Life in the Lower Zambezi: A collaboration of tourism and conservation

In 10 years of writing about Africa’s national parks, I have tried to scratch beneath their surface, to understand the bigger picture of life in the bush beyond the idyllic image of wildlife and wilderness. Who protects the parks and how do they do it? What really goes on behind the scenes of our safaris? I spent a few days with Zambian NGO Conservation Lower Zambezi to find out.

The mighty Zambezi River is famous for its frenetic coursing of Victoria Falls, but there is a quieter, calmer side to Africa’s fourth-longest waterway. It is found in the Lower Zambezi National Park where a broad swath of blue meanders around islands and floodplains generously sustaining a wealth of wildlife. It is utterly beautiful. It is also increasingly vulnerable.

Funding the future

Established in 1994, Conservation Lower Zambezi (CLZ) supports Zambia’s Department of National Parks and Wildlife (DNPW) in

CLZ’s Human Wildlife Conflict Co-ordinator, whose job is to help communities on the borders of Lower Zambezi NP live in harmony with elephants

protecting the habitat and wildlife of the park and its surrounding Game Management Areas.
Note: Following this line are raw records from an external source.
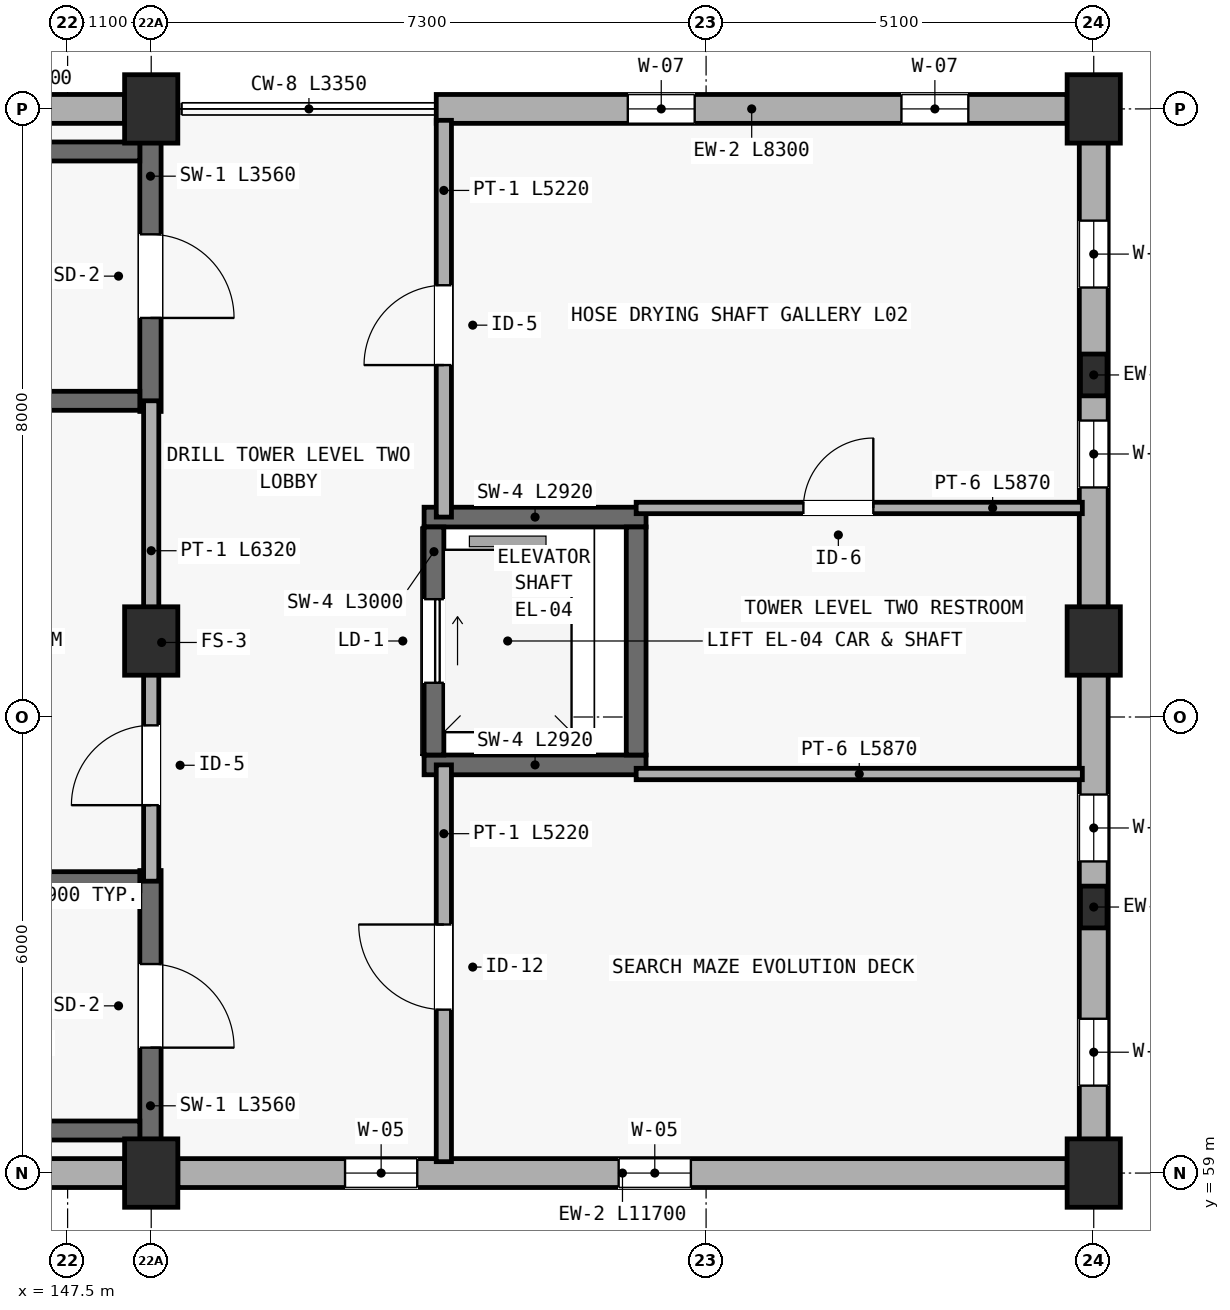
"""IFC4 building model, lengths in metres.
Left out: names, types, materials, properties, quantities, classifications, styles, units other than length and angle.
Written with IfcOpenShell. Run it as: python <this file> out.ifc"""

import sys

from ifc_helpers import new_model, si_unit, direction, frame, frame_2d, origin, origin_2d, place, context, subcontext, project, spatial, rectangle, extrude, element, fill, save


model = new_model("IFC4")
c1 = context("Model", 3, precision=1e-05, world=origin(), true_north=direction((0.0, 1.0)))
c2 = subcontext(c1, "Body", "Model", "MODEL_VIEW")
j1 = project(units=[si_unit("LENGTHUNIT", "METRE"), si_unit("PLANEANGLEUNIT", "RADIAN")], contexts=[c1])
p1 = place(None, origin())
s1 = spatial("IfcSite", under=j1, at=p1, CompositionType="ELEMENT")
p2 = place(p1, origin())
s2 = spatial("IfcBuilding", under=s1, at=p2, CompositionType="ELEMENT")
p3 = place(p2, frame((0.0, 0.0, 5.85)))
s3 = spatial("IfcBuildingStorey", under=s2, at=p3, CompositionType="ELEMENT", Elevation=5.85)
for number, where, z_axis, x_axis in (
    (1, (148.6, 59.0, 0.0), (0.0, 0.0, 1.0), (1.0, 0.0, 0.0)),
    (2, (148.6, 66.0, 0.0), (0.0, 0.0, 1.0), (1.0, 0.0, 0.0)),
    (3, (148.6, 73.0, 0.0), (0.0, 0.0, 1.0), (1.0, 0.0, 0.0)),
    (4, (161.0, 59.0, 0.0), (0.0, 0.0, 1.0), (1.0, 0.0, 0.0)),
    (5, (161.0, 66.0, 0.0), (0.0, 0.0, 1.0), (1.0, 0.0, 0.0)),
    (6, (161.0, 73.0, 0.0), (0.0, 0.0, 1.0), (1.0, 0.0, 0.0)),
):
    element("IfcColumn", number, at=place(p3, frame(where, z_axis=z_axis, x_axis=x_axis)), inside=s3, PredefinedType="COLUMN", context=c2, shape_type="SweptSolid", body=[
        extrude(rectangle(XDim=0.7, YDim=0.9, at=origin_2d()), origin(), (0.0, 0.0, 1.0), 3.45),
    ])
for number, where, z_axis, x_axis in (
    (7, (161.0, 62.5, 0.0), (0.0, 0.0, 1.0), (1.0, 0.0, 0.0)),
    (8, (161.0, 69.5, 0.0), (0.0, 0.0, 1.0), (1.0, 0.0, 0.0)),
):
    element("IfcColumn", number, at=place(p3, frame(where, z_axis=z_axis, x_axis=x_axis)), inside=s3, PredefinedType="PILASTER", context=c2, shape_type="SweptSolid", body=[
        extrude(rectangle(XDim=0.35, YDim=0.55, at=origin_2d()), origin(), (0.0, 0.0, 1.0), 3.45),
    ])
p4 = place(p3, frame((141.45, 59.0, 0.0), z_axis=(0.0, 0.0, 1.0), x_axis=(1.0, 0.0, 0.0)))
e9 = element("IfcWall", 9, at=p4, inside=s3, PredefinedType="STANDARD", context=c2, shape_type="SweptSolid", body=[
    extrude(rectangle(XDim=6.8, YDim=0.38, at=frame_2d((3.4, 0.0))), origin(), (0.0, 0.0, 1.0), 2.75),
])
p5 = place(p4, frame((0.85, 0.0, 0.75)))
e10 = element("IfcOpeningElement", 10, at=p5, cuts=e9, PredefinedType="OPENING", context=c2, shape_type="SweptSolid", body=[
    extrude(rectangle(XDim=1.1, YDim=1.35, at=frame_2d((0.55, 0.675))), frame((0.0, 0.2, 0.0), z_axis=(0.0, -1.0, 0.0), x_axis=(1.0, 0.0, 0.0)), (0.0, 0.0, 1.0), 0.4),
])
p6 = place(p4, frame((4.75, 0.0, 0.75)))
e11 = element("IfcOpeningElement", 11, at=p6, cuts=e9, PredefinedType="OPENING", context=c2, shape_type="SweptSolid", body=[
    extrude(rectangle(XDim=0.98, YDim=1.45, at=frame_2d((0.49, 0.725))), frame((0.0, 0.2, 0.0), z_axis=(0.0, -1.0, 0.0), x_axis=(1.0, 0.0, 0.0)), (0.0, 0.0, 1.0), 0.4),
])
p7 = place(p3, frame((148.95, 59.0, 0.0), z_axis=(0.0, 0.0, 1.0), x_axis=(1.0, 0.0, 0.0)))
e12 = element("IfcWall", 12, at=p7, inside=s3, PredefinedType="STANDARD", context=c2, shape_type="SweptSolid", body=[
    extrude(rectangle(XDim=11.7, YDim=0.38, at=frame_2d((5.85, 0.0))), origin(), (0.0, 0.0, 1.0), 2.75),
])
p8 = place(p7, frame((2.2, 0.0, 0.75)))
e13 = element("IfcOpeningElement", 13, at=p8, cuts=e12, PredefinedType="OPENING", context=c2, shape_type="SweptSolid", body=[
    extrude(rectangle(XDim=0.95, YDim=1.35, at=frame_2d((0.475, 0.675))), frame((0.0, 0.2, 0.0), z_axis=(0.0, -1.0, 0.0), x_axis=(1.0, 0.0, 0.0)), (0.0, 0.0, 1.0), 0.4),
])
p9 = place(p7, frame((5.8, 0.0, 0.75)))
e14 = element("IfcOpeningElement", 14, at=p9, cuts=e12, PredefinedType="OPENING", context=c2, shape_type="SweptSolid", body=[
    extrude(rectangle(XDim=0.95, YDim=1.35, at=frame_2d((0.475, 0.675))), frame((0.0, 0.2, 0.0), z_axis=(0.0, -1.0, 0.0), x_axis=(1.0, 0.0, 0.0)), (0.0, 0.0, 1.0), 0.4),
])
p10 = place(p3, frame((160.65, 73.0, 0.0), z_axis=(0.0, 0.0, 1.0), x_axis=(-1.0, 0.0, 0.0)))
e15 = element("IfcWall", 15, at=p10, inside=s3, PredefinedType="STANDARD", context=c2, shape_type="SweptSolid", body=[
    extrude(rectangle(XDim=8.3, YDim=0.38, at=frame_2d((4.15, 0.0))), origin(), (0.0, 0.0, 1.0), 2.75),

Here, as in many of Africa’s wildlife reserves, tourism and conservation have a truly symbiotic relationship: without the wildlife to draw visitors, there would be no tourism; without tourism to bring in income and safeguard habitat, there would be no wildlife. CLZ was actually set up by lodges in the park concerned by the increasing level of elephant poaching. Of those, eight lodges – Anabezi, Baines River Camp, Chiawa, Chongwe, Mwambashi, Old Mondoro, Royal Zambezi and Sausage Tree Camp – donate a substantial US$12,000 each per year. Various charities and organisations – including Awely, USAID, the Tusk Trust and Save the Elephants – also support CLZ.

Anti-poaching air patrols

Bordered on the north by the dramatic Zambezi escarpment and on the south by the river itself, Lower Zambezi National Park’s valley floor is a magnet for herds of elephants and buffalo, plus hippos and crocodiles, wild dogs, zebras, lions and countless plains game. To help protect all this, CLZ runs anti-poaching patrols on foot and in the air.

Flying in a small – and very breezy – four-seat Cessna with the doors removed to provide clear visibility, I could easily spot the animals below me, even though they looked like tiny toys. ‘It’s easy to spot the poachers too,’ Ian Stevenson, my pilot and the CLZ’s CEO told me. ‘It’s amazing how white stands out when you’re flying, so we can easily see their drying racks or ashes, or elephant carcasses, even when they’re deep in the bush.’

On this flight, we saw no tell-tale signs of poachers, but Ian had previously seen an elephant carcass deep in the scrub, so we went to investigate. A mass of clean white bones, she had died around three years previously and was around 27 years old. Incredibly, the scouts could tell all of this – her sex, her age and her time of death – from her bones and the surrounding vegetation. They could also tell that she had never had tusks, but they scanned her skeleton with a metal detector to ensure she had not been killed by a poacher’s bullet: it remained silent. This elephant had at least died of natural causes, yet there was still something deeply saddening in seeing her carcass – the wasted remains of an animal that once had so much presence and power.

Ian Stevenson instructs the Rangers on what to look for when examining the elephant skull.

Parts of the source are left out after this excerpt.